Avant que le conflit n’éclate, 93 % des enfants syriens étaient scolarisés et quelque 25 % des jeunes concernés fréquentaient un établissement d’enseignement tertiaire. On estime à présent que plus de la moitié des jeunes Syriens inscrits dans le supérieur ont été contraints de fuir et sont dans l’impossibilité de poursuivre leurs études du fait de l’insécurité, de la destruction des installations universitaires et de la dispersion des enseignants. Des chiffres font état (a) de 200 000 étudiants de l’enseignement supérieur parmi les 12 millions de Syriens déplacés dans ou hors de leur pays.
Avant la survenue de cette grave crise en Syrie, les agences en charge des réfugiés et des déplacés internes privilégiaient avant tout l’aide humanitaire, en fournissant de la nourriture, des installations sanitaires, un abri de secours et un enseignement de base portant sur l’acquisition de compétences rudimentaires, l’alphabétisation et les études primaires. Ce choix s’explique historiquement par une distinction de longue date entre interventions à caractère humanitaire et programmes de développement. Aujourd’hui, cependant, l’Agence des Nations Unies pour les réfugiés (UNHCR), comme d’autres, redouble d’efforts pour venir en appui à l’enseignement supérieur.
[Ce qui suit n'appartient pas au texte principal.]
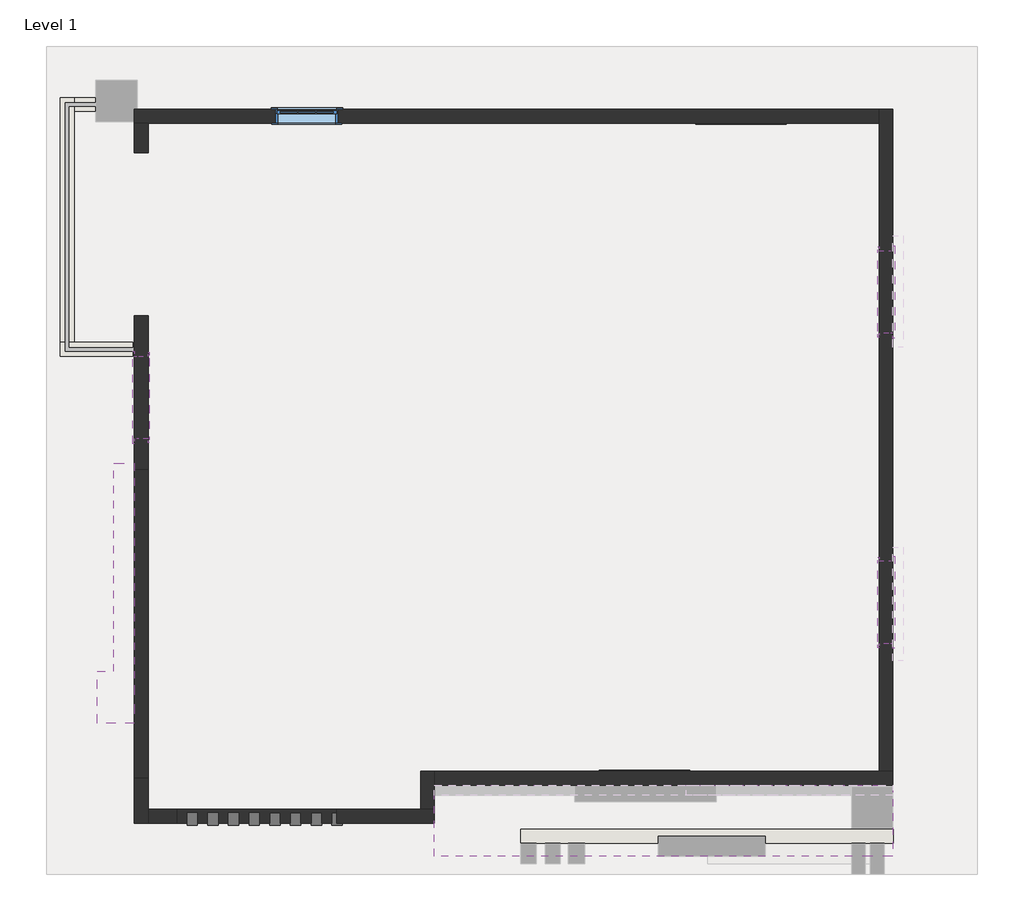
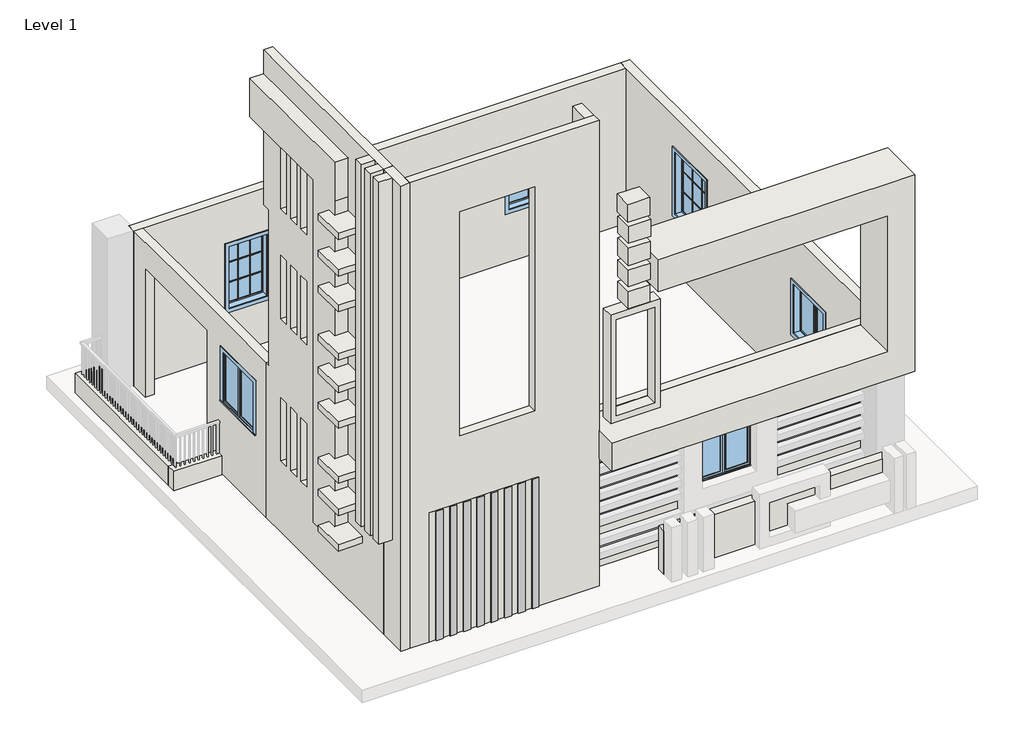
# One storey, part 1 of 2: 15 walls, 8 proxies, 6 windows.
"""IFC4 building model written with IfcOpenShell, lengths in millimetres."""

from ifc_helpers import new_model, si_unit, origin, origin_with_axes, place, context, project, spatial, polyline, outline, extrude, faceted_brep, transform, mapped, element, save
from components import walls_1_walls_1_66469eba, walls_2_walls_2_6b9d7f67, window_58e1470a, window_26ecbd3e, window_0862ab64

model = new_model("IFC4")

# Units and contexts
model_context = context("Model", 3, world=origin())
ifc_project = project(units=[si_unit("LENGTHUNIT", "METRE", prefix="MILLI")], contexts=[model_context])

# Site, building, storey
site = spatial("IfcSite", under=ifc_project)
building = spatial("IfcBuilding", under=site)
storey = spatial("IfcBuildingStorey", under=building, Name="Level 1", Elevation=0.0)

# Proxies
placement = place(None, origin())
element("IfcBuildingElementProxy", 1, Name="Reveal", ObjectType="Reveal", at=placement, inside=storey, context=model_context, shape_type="SweptSolid", body=[
    extrude(outline(polyline([(-11010.4950134, -2653.806099), (-11010.4950134, -2470.926099), (-10858.0950134, -2470.926099), (-10858.0950134, -2653.806099), (-11010.4950134, -2653.806099)])), origin_with_axes(), (0.0, 0.0, 1.0), 3049.7998229),
])
element("IfcBuildingElementProxy", 2, Name="Reveal", ObjectType="Reveal", at=placement, inside=storey, context=model_context, shape_type="SweptSolid", body=[
    extrude(outline(polyline([(-10705.6950134, -2653.806099), (-10705.6950134, -2470.926099), (-10553.2950134, -2470.926099), (-10553.2950134, -2653.806099), (-10705.6950134, -2653.806099)])), origin_with_axes(), (0.0, 0.0, 1.0), 3049.7998229),
])
element("IfcBuildingElementProxy", 3, Name="Reveal", ObjectType="Reveal", at=placement, inside=storey, context=model_context, shape_type="SweptSolid", body=[
    extrude(outline(polyline([(-10400.8950134, -2653.806099), (-10400.8950134, -2470.926099), (-10248.4950134, -2470.926099), (-10248.4950134, -2653.806099), (-10400.8950134, -2653.806099)])), origin_with_axes(), (0.0, 0.0, 1.0), 3049.7998229),
])
element("IfcBuildingElementProxy", 4, Name="Reveal", ObjectType="Reveal", at=placement, inside=storey, context=model_context, shape_type="SweptSolid", body=[
    extrude(outline(polyline([(-10096.0950134, -2653.806099), (-10096.0950134, -2470.926099), (-9943.6950134, -2470.926099), (-9943.6950134, -2653.806099), (-10096.0950134, -2653.806099)])), origin_with_axes(), (0.0, 0.0, 1.0), 3049.7998229),
])
element("IfcBuildingElementProxy", 5, Name="Reveal", ObjectType="Reveal", at=placement, inside=storey, context=model_context, shape_type="SweptSolid", body=[
    extrude(outline(polyline([(-9791.2950134, -2653.806099), (-9791.2950134, -2470.926099), (-9638.8950134, -2470.926099), (-9638.8950134, -2653.806099), (-9791.2950134, -2653.806099)])), origin_with_axes(), (0.0, 0.0, 1.0), 3049.7998229),
])
element("IfcBuildingElementProxy", 6, Name="Reveal", ObjectType="Reveal", at=placement, inside=storey, context=model_context, shape_type="SweptSolid", body=[
    extrude(outline(polyline([(-9486.4950134, -2653.806099), (-9486.4950134, -2470.926099), (-9334.0950134, -2470.926099), (-9334.0950134, -2653.806099), (-9486.4950134, -2653.806099)])), origin_with_axes(), (0.0, 0.0, 1.0), 3049.7998229),
])
element("IfcBuildingElementProxy", 7, Name="Reveal", ObjectType="Reveal", at=placement, inside=storey, context=model_context, shape_type="SweptSolid", body=[
    extrude(outline(polyline([(-9181.6950134, -2653.806099), (-9181.6950134, -2470.926099), (-9029.2950134, -2470.926099), (-9029.2950134, -2653.806099), (-9181.6950134, -2653.806099)])), origin_with_axes(), (0.0, 0.0, 1.0), 3049.7998229),
])
element("IfcBuildingElementProxy", 8, Name="Reveal", ObjectType="Reveal", at=placement, inside=storey, context=model_context, shape_type="SweptSolid", body=[
    extrude(outline(polyline([(-8876.8950134, -2653.806099), (-8876.8950134, -2470.926099), (-8724.4950134, -2470.926099), (-8724.4950134, -2653.806099), (-8876.8950134, -2653.806099)])), origin_with_axes(), (0.0, 0.0, 1.0), 3049.7998229),
])

# Walls
element("IfcWall", 9, ObjectType="Generic - 8\"", at=placement, inside=storey, context=model_context, shape_type="Brep", body=[
    faceted_brep([(-11786.2932708, 7689.073901, 0.0), (-11583.0932708, 7689.073901, 0.0), (-813.4932708, 7689.073901, 0.0), (-813.4932708, 7689.073901, 3657.6), (-11583.0932708, 7689.073901, 3657.6), (-11786.2932708, 7689.073901, 3657.6), (-8789.0932708, 7689.073901, 2590.7953104), (-8789.0932708, 7689.073901, 1066.7953104), (-9703.4932708, 7689.073901, 1066.7953104), (-9703.4932708, 7689.073901, 2590.7953104), (-2235.8932708, 7689.073901, 2428.7388642), (-2235.8932708, 7689.073901, 1209.5388642), (-3455.0932708, 7689.073901, 1209.5388642), (-3455.0932708, 7689.073901, 2428.7388642), (-11786.2932708, 7892.273901, 0.0), (-11786.2932708, 7892.273901, 3657.6), (-11742.7083357, 7892.273901, 3657.6), (-813.4932708, 7892.273901, 3657.6), (-813.4932708, 7892.273901, 0.0), (-11742.7083357, 7892.273901, 0.0), (-8789.0932708, 7892.273901, 2590.7953104), (-9703.4932708, 7892.273901, 2590.7953104), (-9703.4932708, 7892.273901, 1066.7953104), (-8789.0932708, 7892.273901, 1066.7953104), (-2235.8932708, 7892.273901, 2428.7388642), (-3455.0932708, 7892.273901, 2428.7388642), (-3455.0932708, 7892.273901, 1209.5388642), (-2235.8932708, 7892.273901, 1209.5388642), (-11786.2932708, 7709.3483652, 0.0), (-11786.2932708, 7709.3483652, 3657.6)], [[[0, 1, 2, 3, 4, 5], [6, 7, 8, 9], [10, 11, 12, 13]], [[14, 15, 16, 17, 18, 19], [20, 21, 22, 23], [24, 25, 26, 27]], [[2, 1, 0, 28, 14, 19, 18]], [[5, 4, 3, 17, 16, 15, 29]], [[0, 5, 29, 15, 14, 28]], [[3, 2, 18, 17]], [[7, 6, 20, 23]], [[8, 7, 23, 22]], [[9, 8, 22, 21]], [[6, 9, 21, 20]], [[11, 10, 24, 27]], [[12, 11, 27, 26]], [[13, 12, 26, 25]], [[10, 13, 25, 24]]]),
])
element("IfcWall", 10, ObjectType="Generic - 8\"", at=placement, inside=storey, context=model_context, shape_type="Brep", body=[
    faceted_brep([(-11583.0932708, 2578.5483652, 3657.6), (-11583.0932708, 2578.5483652, 0.0), (-11583.0932708, 4851.2528272, 0.0), (-11583.0932708, 4851.2528272, 3042.8682475), (-11583.0932708, 7251.0434239, 3042.8682475), (-11583.0932708, 7251.0434239, 0.0), (-11583.0932708, 7689.073901, 0.0), (-11583.0932708, 7689.073901, 3657.6), (-11583.0932708, 5905.4772304, 3657.6), (-11583.0932708, 4533.8772304, 3657.6), (-11583.0932708, 4254.9483652, 2926.4797977), (-11583.0932708, 4254.9483652, 1707.2797977), (-11583.0932708, 3035.7483652, 1707.2797977), (-11583.0932708, 3035.7483652, 2926.4797977), (-11786.2932708, 2578.5483652, 0.0), (-11786.2932708, 2578.5483652, 3657.6), (-11786.2932708, 4533.8772304, 3657.6), (-11786.2932708, 5905.4772304, 3657.6), (-11786.2932708, 7689.073901, 3657.6), (-11786.2932708, 7689.073901, 0.0), (-11786.2932708, 7251.0434239, 0.0), (-11786.2932708, 7251.0434239, 3042.8682475), (-11786.2932708, 4851.2528272, 3042.8682475), (-11786.2932708, 4851.2528272, 0.0), (-11786.2932708, 4254.9483652, 2926.4797977), (-11786.2932708, 3035.7483652, 2926.4797977), (-11786.2932708, 3035.7483652, 1707.2797977), (-11786.2932708, 4254.9483652, 1707.2797977)], [[[0, 1, 2, 3, 4, 5, 6, 7, 8, 9], [10, 11, 12, 13]], [[14, 15, 16, 17, 18, 19, 20, 21, 22, 23], [24, 25, 26, 27]], [[7, 6, 19, 18]], [[11, 10, 24, 27]], [[12, 11, 27, 26]], [[13, 12, 26, 25]], [[10, 13, 25, 24]], [[0, 9, 8, 7, 18, 17, 16, 15]], [[0, 15, 14, 1]], [[2, 1, 14, 23]], [[3, 2, 23, 22]], [[4, 3, 22, 21]], [[5, 4, 21, 20]], [[6, 5, 20, 19]]]),
])
element("IfcWall", 11, ObjectType="Generic - 8\"", at=placement, inside=storey, context=model_context, shape_type="Brep", body=[
    faceted_brep([(-610.2932708, -1861.326099, 0.0), (-813.4932708, -1861.326099, 0.0), (-7366.6932708, -1861.326099, 0.0), (-7366.6932708, -1861.326099, 3657.6), (-813.4932708, -1861.326099, 3657.6), (-610.2932708, -1861.326099, 3657.6), (-4877.4932708, -1861.326099, 2439.58165), (-4877.4932708, -1861.326099, 1220.38165), (-3658.2932708, -1861.326099, 1220.38165), (-3658.2932708, -1861.326099, 2439.58165), (-610.2932708, -2064.526099, 0.0), (-610.2932708, -2064.526099, 3657.6), (-7366.6932708, -2064.526099, 3657.6), (-7366.6932708, -2064.526099, 0.0), (-4877.4932708, -2064.526099, 2439.58165), (-3658.2932708, -2064.526099, 2439.58165), (-3658.2932708, -2064.526099, 1220.38165), (-4877.4932708, -2064.526099, 1220.38165)], [[[0, 1, 2, 3, 4, 5], [6, 7, 8, 9]], [[10, 11, 12, 13], [14, 15, 16, 17]], [[2, 1, 0, 10, 13]], [[5, 4, 3, 12, 11]], [[0, 5, 11, 10]], [[3, 2, 13, 12]], [[7, 6, 14, 17]], [[8, 7, 17, 16]], [[9, 8, 16, 15]], [[6, 9, 15, 14]]]),
])
element("IfcWall", 12, ObjectType="Generic - 8\"", at=placement, inside=storey, context=model_context, shape_type="Brep", body=[
    faceted_brep([(-813.4932708, 7892.273901, 0.0), (-813.4932708, 7689.073901, 0.0), (-813.4932708, -1861.326099, 0.0), (-813.4932708, -1861.326099, 3657.6), (-813.4932708, 7689.073901, 3657.6), (-813.4932708, 7892.273901, 3657.6), (-813.4932708, 4590.273901, 2873.0721634), (-813.4932708, 4590.273901, 1349.0721634), (-813.4932708, 5809.473901, 1349.0721634), (-813.4932708, 5809.473901, 2873.0721634), (-813.4932708, 18.273901, 2533.8575763), (-813.4932708, 18.273901, 1314.6575763), (-813.4932708, 1237.473901, 1314.6575763), (-813.4932708, 1237.473901, 2533.8575763), (-610.2932708, 7892.273901, 0.0), (-610.2932708, 7892.273901, 3657.6), (-610.2932708, -1861.326099, 3657.6), (-610.2932708, -1861.326099, 0.0), (-610.2932708, 4590.273901, 2873.0721634), (-610.2932708, 5809.473901, 2873.0721634), (-610.2932708, 5809.473901, 1349.0721634), (-610.2932708, 4590.273901, 1349.0721634), (-610.2932708, 18.273901, 2533.8575763), (-610.2932708, 1237.473901, 2533.8575763), (-610.2932708, 1237.473901, 1314.6575763), (-610.2932708, 18.273901, 1314.6575763)], [[[0, 1, 2, 3, 4, 5], [6, 7, 8, 9], [10, 11, 12, 13]], [[14, 15, 16, 17], [18, 19, 20, 21], [22, 23, 24, 25]], [[2, 1, 0, 14, 17]], [[5, 4, 3, 16, 15]], [[0, 5, 15, 14]], [[3, 2, 17, 16]], [[7, 6, 18, 21]], [[8, 7, 21, 20]], [[9, 8, 20, 19]], [[6, 9, 19, 18]], [[11, 10, 22, 25]], [[12, 11, 25, 24]], [[13, 12, 24, 23]], [[10, 13, 23, 22]]]),
])
element("IfcWall", 13, ObjectType="Generic - 8\"", at=placement, inside=storey, context=model_context, shape_type="Brep", body=[
    faceted_brep([(-11786.2932708, 2578.5483652, 0.0), (-11786.2932708, -1962.926099, 0.0), (-11786.2932708, -1962.926099, 10972.8), (-11786.2932708, 2680.1483652, 10972.8), (-11786.2932708, 2680.1483652, 7315.2), (-11786.2932708, 2603.9483652, 7315.2), (-11786.2932708, 2476.9483652, 7315.2), (-11786.2932708, 2476.9483652, 3657.6), (-11786.2932708, 2578.5483652, 3657.6), (-11786.2932708, 1806.5522738, 9112.4526323), (-11786.2932708, 1806.5522738, 7620.0), (-11786.2932708, 2020.5114253, 7620.0), (-11786.2932708, 2020.5114253, 9112.4526323), (-11786.2932708, 1401.155987, 9112.4526323), (-11786.2932708, 1401.155987, 7620.0), (-11786.2932708, 1637.6371543, 7620.0), (-11786.2932708, 1637.6371543, 9112.4526323), (-11786.2932708, 1009.8986921, 9112.4526323), (-11786.2932708, 1009.8986921, 7620.0), (-11786.2932708, 1235.1188515, 7620.0), (-11786.2932708, 1235.1188515, 9112.4526323), (-11786.2932708, 1806.5522738, 6521.6526323), (-11786.2932708, 1806.5522738, 5029.2), (-11786.2932708, 2020.5114253, 5029.2), (-11786.2932708, 2020.5114253, 6521.6526323), (-11786.2932708, 1401.155987, 6521.6526323), (-11786.2932708, 1401.155987, 5029.2), (-11786.2932708, 1637.6371543, 5029.2), (-11786.2932708, 1637.6371543, 6521.6526323), (-11786.2932708, 1009.8986921, 6521.6526323), (-11786.2932708, 1009.8986921, 5029.2), (-11786.2932708, 1235.1188515, 5029.2), (-11786.2932708, 1235.1188515, 6521.6526323), (-11786.2932708, 1806.5522738, 3168.8526323), (-11786.2932708, 1806.5522738, 1676.4), (-11786.2932708, 2020.5114253, 1676.4), (-11786.2932708, 2020.5114253, 3168.8526323), (-11786.2932708, 1401.155987, 3168.8526323), (-11786.2932708, 1401.155987, 1676.4), (-11786.2932708, 1637.6371543, 1676.4), (-11786.2932708, 1637.6371543, 3168.8526323), (-11786.2932708, 1009.8986921, 3168.8526323), (-11786.2932708, 1009.8986921, 1676.4), (-11786.2932708, 1235.1188515, 1676.4), (-11786.2932708, 1235.1188515, 3168.8526323), (-11583.0932708, 2578.5483652, 0.0), (-11583.0932708, 2578.5483652, 3657.6), (-11583.0932708, 2476.9483652, 3657.6), (-11583.0932708, 2476.9483652, 7315.2), (-11583.0932708, 2680.1483652, 7315.2), (-11583.0932708, 2680.1483652, 10972.8), (-11583.0932708, 2476.9483652, 10972.8), (-11583.0932708, -1962.926099, 10972.8), (-11583.0932708, -1962.926099, 0.0), (-11583.0932708, 1806.5522738, 9112.4526323), (-11583.0932708, 2020.5114253, 9112.4526323), (-11583.0932708, 2020.5114253, 7620.0), (-11583.0932708, 1806.5522738, 7620.0), (-11583.0932708, 1401.155987, 9112.4526323), (-11583.0932708, 1637.6371543, 9112.4526323), (-11583.0932708, 1637.6371543, 7620.0), (-11583.0932708, 1401.155987, 7620.0), (-11583.0932708, 1009.8986921, 9112.4526323), (-11583.0932708, 1235.1188515, 9112.4526323), (-11583.0932708, 1235.1188515, 7620.0), (-11583.0932708, 1009.8986921, 7620.0), (-11583.0932708, 1806.5522738, 6521.6526323), (-11583.0932708, 2020.5114253, 6521.6526323), (-11583.0932708, 2020.5114253, 5029.2), (-11583.0932708, 1806.5522738, 5029.2), (-11583.0932708, 1401.155987, 6521.6526323), (-11583.0932708, 1637.6371543, 6521.6526323), (-11583.0932708, 1637.6371543, 5029.2), (-11583.0932708, 1401.155987, 5029.2), (-11583.0932708, 1009.8986921, 6521.6526323), (-11583.0932708, 1235.1188515, 6521.6526323), (-11583.0932708, 1235.1188515, 5029.2), (-11583.0932708, 1009.8986921, 5029.2), (-11583.0932708, 1806.5522738, 3168.8526323), (-11583.0932708, 2020.5114253, 3168.8526323), (-11583.0932708, 2020.5114253, 1676.4), (-11583.0932708, 1806.5522738, 1676.4), (-11583.0932708, 1401.155987, 3168.8526323), (-11583.0932708, 1637.6371543, 3168.8526323), (-11583.0932708, 1637.6371543, 1676.4), (-11583.0932708, 1401.155987, 1676.4), (-11583.0932708, 1009.8986921, 3168.8526323), (-11583.0932708, 1235.1188515, 3168.8526323), (-11583.0932708, 1235.1188515, 1676.4), (-11583.0932708, 1009.8986921, 1676.4)], [[[0, 1, 2, 3, 4, 5, 6, 7, 8], [9, 10, 11, 12], [13, 14, 15, 16], [17, 18, 19, 20], [21, 22, 23, 24], [25, 26, 27, 28], [29, 30, 31, 32], [33, 34, 35, 36], [37, 38, 39, 40], [41, 42, 43, 44]], [[45, 46, 47, 48, 49, 50, 51, 52, 53], [54, 55, 56, 57], [58, 59, 60, 61], [62, 63, 64, 65], [66, 67, 68, 69], [70, 71, 72, 73], [74, 75, 76, 77], [78, 79, 80, 81], [82, 83, 84, 85], [86, 87, 88, 89]], [[3, 2, 52, 51, 50]], [[6, 48, 47, 7]], [[1, 0, 45, 53]], [[2, 1, 53, 52]], [[0, 8, 46, 45]], [[7, 47, 46, 8]], [[4, 49, 48, 6, 5]], [[10, 9, 54, 57]], [[11, 10, 57, 56]], [[12, 11, 56, 55]], [[9, 12, 55, 54]], [[14, 13, 58, 61]], [[15, 14, 61, 60]], [[16, 15, 60, 59]], [[13, 16, 59, 58]], [[18, 17, 62, 65]], [[19, 18, 65, 64]], [[20, 19, 64, 63]], [[17, 20, 63, 62]], [[22, 21, 66, 69]], [[23, 22, 69, 68]], [[24, 23, 68, 67]], [[21, 24, 67, 66]], [[26, 25, 70, 73]], [[27, 26, 73, 72]], [[28, 27, 72, 71]], [[25, 28, 71, 70]], [[30, 29, 74, 77]], [[31, 30, 77, 76]], [[32, 31, 76, 75]], [[29, 32, 75, 74]], [[34, 33, 78, 81]], [[35, 34, 81, 80]], [[36, 35, 80, 79]], [[33, 36, 79, 78]], [[38, 37, 82, 85]], [[39, 38, 85, 84]], [[40, 39, 84, 83]], [[37, 40, 83, 82]], [[42, 41, 86, 89]], [[43, 42, 89, 88]], [[44, 43, 88, 87]], [[41, 44, 87, 86]], [[3, 50, 49, 4]]]),
])
element("IfcWall", 14, ObjectType="Generic - 8\"", at=placement, inside=storey, context=model_context, shape_type="Brep", body=[
    faceted_brep([(-7366.6932708, -2420.126099, 10972.8), (-7366.6932708, -2420.126099, 0.0), (-7569.8932708, -2420.126099, 0.0), (-8801.0344883, -2420.126099, 0.0), (-8801.0344883, -2420.126099, 3049.7998229), (-11162.8950134, -2420.126099, 3049.7998229), (-11162.8950134, -2420.126099, 0.0), (-11583.0932708, -2420.126099, 0.0), (-11583.0932708, -2420.126099, 10972.8), (-7569.8932708, -2420.126099, 10972.8), (-8801.0344883, -2420.126099, 9908.1845939), (-10477.4344883, -2420.126099, 9908.1845939), (-10477.4344883, -2420.126099, 4624.9845939), (-8801.0344883, -2420.126099, 4624.9845939), (-7366.6932708, -2623.326099, 0.0), (-7366.6932708, -2623.326099, 10972.8), (-11583.0932708, -2623.326099, 10972.8), (-11583.0932708, -2623.326099, 0.0), (-11162.8950134, -2623.326099, 0.0), (-11162.8950134, -2623.326099, 3049.7998229), (-11010.4950134, -2623.326099, 3049.7998229), (-10858.0950134, -2623.326099, 3049.7998229), (-10705.6950134, -2623.326099, 3049.7998229), (-10553.2950134, -2623.326099, 3049.7998229), (-10400.8950134, -2623.326099, 3049.7998229), (-10248.4950134, -2623.326099, 3049.7998229), (-10096.0950134, -2623.326099, 3049.7998229), (-9943.6950134, -2623.326099, 3049.7998229), (-9791.2950134, -2623.326099, 3049.7998229), (-9638.8950134, -2623.326099, 3049.7998229), (-9486.4950134, -2623.326099, 3049.7998229), (-9334.0950134, -2623.326099, 3049.7998229), (-9181.6950134, -2623.326099, 3049.7998229), (-9029.2950134, -2623.326099, 3049.7998229), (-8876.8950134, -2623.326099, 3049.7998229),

En effet, pour que la Syrie et la région dans son ensemble puissent réussir à surmonter la violence et l’extrémisme de ces quatre dernières années, la communauté internationale doit impérativement trouver des solutions pour permettre aux étudiants syriens de poursuivre leurs cursus. Outre les phénomènes de radicalisation, ceux qui appartiennent à cette génération, à majorité sunnite, risquent de se retrouver marginalisés, accaparés par leur survie au jour le jour et perdant ainsi les compétences et la discipline nécessaires à la réussite académique et professionnelle.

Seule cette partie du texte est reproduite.